UCLA stem cell researchers have achieved a remarkable 100% cure rate for children born with adenosine deaminase-deficient severe combined immunodeficiency (ADA-deficient SCID), commonly known as Bubble Baby disease, using a groundbreaking gene therapy approach developed over three decades of research.
Dr. Donald Kohn, a stem cell researcher at UCLA's Eli and Edythe Broad Center of Regenerative Medicine and Stem Cell Research, led the team that successfully treated 18 children with the life-threatening condition across two multi-year clinical trials conducted since 2009. All patients were cured without any side effects.
"All of the children with SCID that I have treated in these stem cell clinical trials would have died in a year or less without this gene therapy," said Kohn, a professor of pediatrics and of microbiology, immunology and molecular genetics at UCLA. "Instead they are all thriving with fully functioning immune systems."

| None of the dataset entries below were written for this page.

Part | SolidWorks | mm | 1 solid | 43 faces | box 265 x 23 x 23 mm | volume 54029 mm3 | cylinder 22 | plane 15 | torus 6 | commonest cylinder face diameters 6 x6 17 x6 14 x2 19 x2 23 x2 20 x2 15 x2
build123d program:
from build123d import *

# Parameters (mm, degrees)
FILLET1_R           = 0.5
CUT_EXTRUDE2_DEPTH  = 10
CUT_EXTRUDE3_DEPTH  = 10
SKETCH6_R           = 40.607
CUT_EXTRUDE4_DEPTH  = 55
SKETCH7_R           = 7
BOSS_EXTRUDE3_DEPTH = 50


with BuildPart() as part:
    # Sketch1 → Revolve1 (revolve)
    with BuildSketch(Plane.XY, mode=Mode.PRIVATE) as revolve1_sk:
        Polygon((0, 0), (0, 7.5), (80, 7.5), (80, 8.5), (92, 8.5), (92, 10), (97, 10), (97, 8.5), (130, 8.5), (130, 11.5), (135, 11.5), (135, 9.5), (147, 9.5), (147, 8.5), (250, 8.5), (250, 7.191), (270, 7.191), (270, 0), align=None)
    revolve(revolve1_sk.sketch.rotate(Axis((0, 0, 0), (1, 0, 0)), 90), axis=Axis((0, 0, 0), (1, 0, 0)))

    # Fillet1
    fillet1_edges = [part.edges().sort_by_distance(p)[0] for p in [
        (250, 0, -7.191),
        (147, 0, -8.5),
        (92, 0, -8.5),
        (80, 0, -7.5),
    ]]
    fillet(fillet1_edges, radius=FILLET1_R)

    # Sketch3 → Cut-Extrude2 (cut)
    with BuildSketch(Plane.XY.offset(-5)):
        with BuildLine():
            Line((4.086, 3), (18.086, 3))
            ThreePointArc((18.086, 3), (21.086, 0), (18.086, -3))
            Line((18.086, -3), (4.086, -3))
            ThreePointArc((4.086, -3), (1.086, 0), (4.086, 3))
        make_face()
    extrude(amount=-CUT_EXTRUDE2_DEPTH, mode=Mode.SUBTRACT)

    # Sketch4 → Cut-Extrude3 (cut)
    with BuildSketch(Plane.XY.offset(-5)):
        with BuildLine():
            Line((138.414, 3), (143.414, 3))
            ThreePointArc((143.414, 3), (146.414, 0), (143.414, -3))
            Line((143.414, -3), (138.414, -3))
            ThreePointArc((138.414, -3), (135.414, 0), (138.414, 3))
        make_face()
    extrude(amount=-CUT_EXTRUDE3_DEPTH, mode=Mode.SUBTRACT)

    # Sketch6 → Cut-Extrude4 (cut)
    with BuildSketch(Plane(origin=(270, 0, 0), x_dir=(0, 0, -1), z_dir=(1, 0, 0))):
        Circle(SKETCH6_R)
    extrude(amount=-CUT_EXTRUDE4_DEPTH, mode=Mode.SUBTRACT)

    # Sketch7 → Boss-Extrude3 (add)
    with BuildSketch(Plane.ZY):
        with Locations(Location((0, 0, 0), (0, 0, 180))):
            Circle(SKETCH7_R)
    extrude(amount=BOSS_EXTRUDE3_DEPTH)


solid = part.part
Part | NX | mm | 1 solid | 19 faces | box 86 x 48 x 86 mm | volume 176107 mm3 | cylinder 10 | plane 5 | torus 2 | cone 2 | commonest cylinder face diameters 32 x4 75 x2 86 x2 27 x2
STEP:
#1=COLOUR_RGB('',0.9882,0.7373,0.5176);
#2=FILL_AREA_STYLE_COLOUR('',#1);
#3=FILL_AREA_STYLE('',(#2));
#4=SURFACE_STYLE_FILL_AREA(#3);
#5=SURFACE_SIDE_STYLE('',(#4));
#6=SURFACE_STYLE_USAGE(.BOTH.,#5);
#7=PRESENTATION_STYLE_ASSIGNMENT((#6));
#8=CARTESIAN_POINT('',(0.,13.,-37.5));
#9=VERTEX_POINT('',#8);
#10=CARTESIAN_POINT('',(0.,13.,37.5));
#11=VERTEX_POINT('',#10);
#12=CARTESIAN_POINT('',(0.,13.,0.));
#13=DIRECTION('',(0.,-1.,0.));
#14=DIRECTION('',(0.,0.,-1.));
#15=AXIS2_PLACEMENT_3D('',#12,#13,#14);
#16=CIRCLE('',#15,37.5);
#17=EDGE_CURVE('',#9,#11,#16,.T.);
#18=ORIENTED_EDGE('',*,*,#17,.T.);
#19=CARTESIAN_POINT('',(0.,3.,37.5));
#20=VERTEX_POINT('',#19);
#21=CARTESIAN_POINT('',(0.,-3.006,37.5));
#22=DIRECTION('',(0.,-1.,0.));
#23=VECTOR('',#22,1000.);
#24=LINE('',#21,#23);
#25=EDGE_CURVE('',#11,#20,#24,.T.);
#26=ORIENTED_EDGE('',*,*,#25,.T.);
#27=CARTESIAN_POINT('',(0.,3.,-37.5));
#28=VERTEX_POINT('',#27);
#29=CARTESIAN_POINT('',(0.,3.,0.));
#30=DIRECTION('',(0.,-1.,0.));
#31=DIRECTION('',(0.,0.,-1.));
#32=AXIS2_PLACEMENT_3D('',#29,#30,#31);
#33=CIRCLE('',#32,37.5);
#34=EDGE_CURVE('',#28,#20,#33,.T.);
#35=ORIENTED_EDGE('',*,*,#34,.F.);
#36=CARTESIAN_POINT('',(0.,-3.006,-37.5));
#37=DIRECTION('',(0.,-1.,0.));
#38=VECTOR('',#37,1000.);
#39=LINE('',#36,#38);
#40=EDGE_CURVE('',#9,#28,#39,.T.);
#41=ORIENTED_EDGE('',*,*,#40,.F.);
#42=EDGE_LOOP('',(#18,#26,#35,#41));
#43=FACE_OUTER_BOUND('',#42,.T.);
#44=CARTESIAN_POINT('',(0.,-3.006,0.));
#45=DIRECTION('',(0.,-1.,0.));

Revolutionary Treatment Approach
The innovative therapy addresses a critical gap in treatment options for children with ADA-deficient SCID, which affects approximately 15% of all SCID patients. The condition occurs in an estimated 1 in 200,000 to 1 million newborns worldwide and can be fatal within the first year of life if left untreated.
During the treatment process, researchers remove blood stem cells from patients' bone marrow and genetically modify them to correct the genetic defect that prevents production of adenosine deaminase (ADA), an enzyme critical for generating healthy white blood cells needed for immune function.
Using a virus delivery system developed in Kohn's laboratory in the 1990s, the team inserts the corrected gene into the blood-forming stem cells. These genetically modified cells are then transplanted back into the patient, where they produce T cells capable of fighting infection and establish a fully functioning immune system.
"It's their own cells so it's a perfect match," Kohn explained. "And when it works ... they grow a whole immune system, and can lead normal lives."
Addressing Current Treatment Limitations
The gene therapy represents a significant advancement over existing treatment options, which include lifelong twice-weekly ADA enzyme injections that are expensive and often fail to restore optimal immune function, or bone marrow transplants from siblings that carry risks of rejection and graft-versus-host disease.
"Other current options for treating ADA-deficient SCID are not always optimal or feasible for many children," Kohn noted. "We can now, for the first time, offer these children and their families a cure, and the chance to live a full, healthy life."
Patient Success Story
The therapy's impact is exemplified by the case of Evangelina Padilla-Vaccaro, who was born with the condition in 2012. Her mother, Alysia Padilla-Vaccaro of Corona, California, recognized something was wrong just weeks after birth, despite initially being told her concerns were due to new mother stress.
Following diagnosis at six weeks old, Evangelina had to be kept in strict isolation, with family members required to shower, wear masks and gowns before any contact. After undergoing Kohn's gene therapy treatment, which took approximately seven weeks from start to finish including chemotherapy, Evangelina developed a new immune system and can now live normally.
"To finally kiss your child on the lips, to hold her, it's impossible to describe what a gift that is," Padilla-Vaccaro said. "I gave birth to my daughter, but Dr. Kohn gave my baby life."
Clinical Trial Results and Future Applications
The 18 patients treated in the clinical trials ranged in age from 3 months to 4 years at the time of treatment. All developed fully functioning immune systems following the gene therapy, with T cell counts rising and the ability to fight off illness and infection growing stronger over time.
The research team is now seeking FDA approval for the gene therapy to make it available to all children with ADA-deficient SCID. Additionally, the success has laid groundwork for extending the approach to treat sickle cell disease, with clinical trials planned to begin in 2015.
"We've been working for the last five years to take the success we've had with this stem cell gene therapy for SCID to sickle cell," Kohn said. "We now have the potential to take the gene that blocks sickling and get it into enough of a patient's stem cells to block the disease."
The research was supported by grants from the FDA, California Institute for Regenerative Medicine, and the National Institutes of Health, with additional funding from UCLA and its affiliated centers.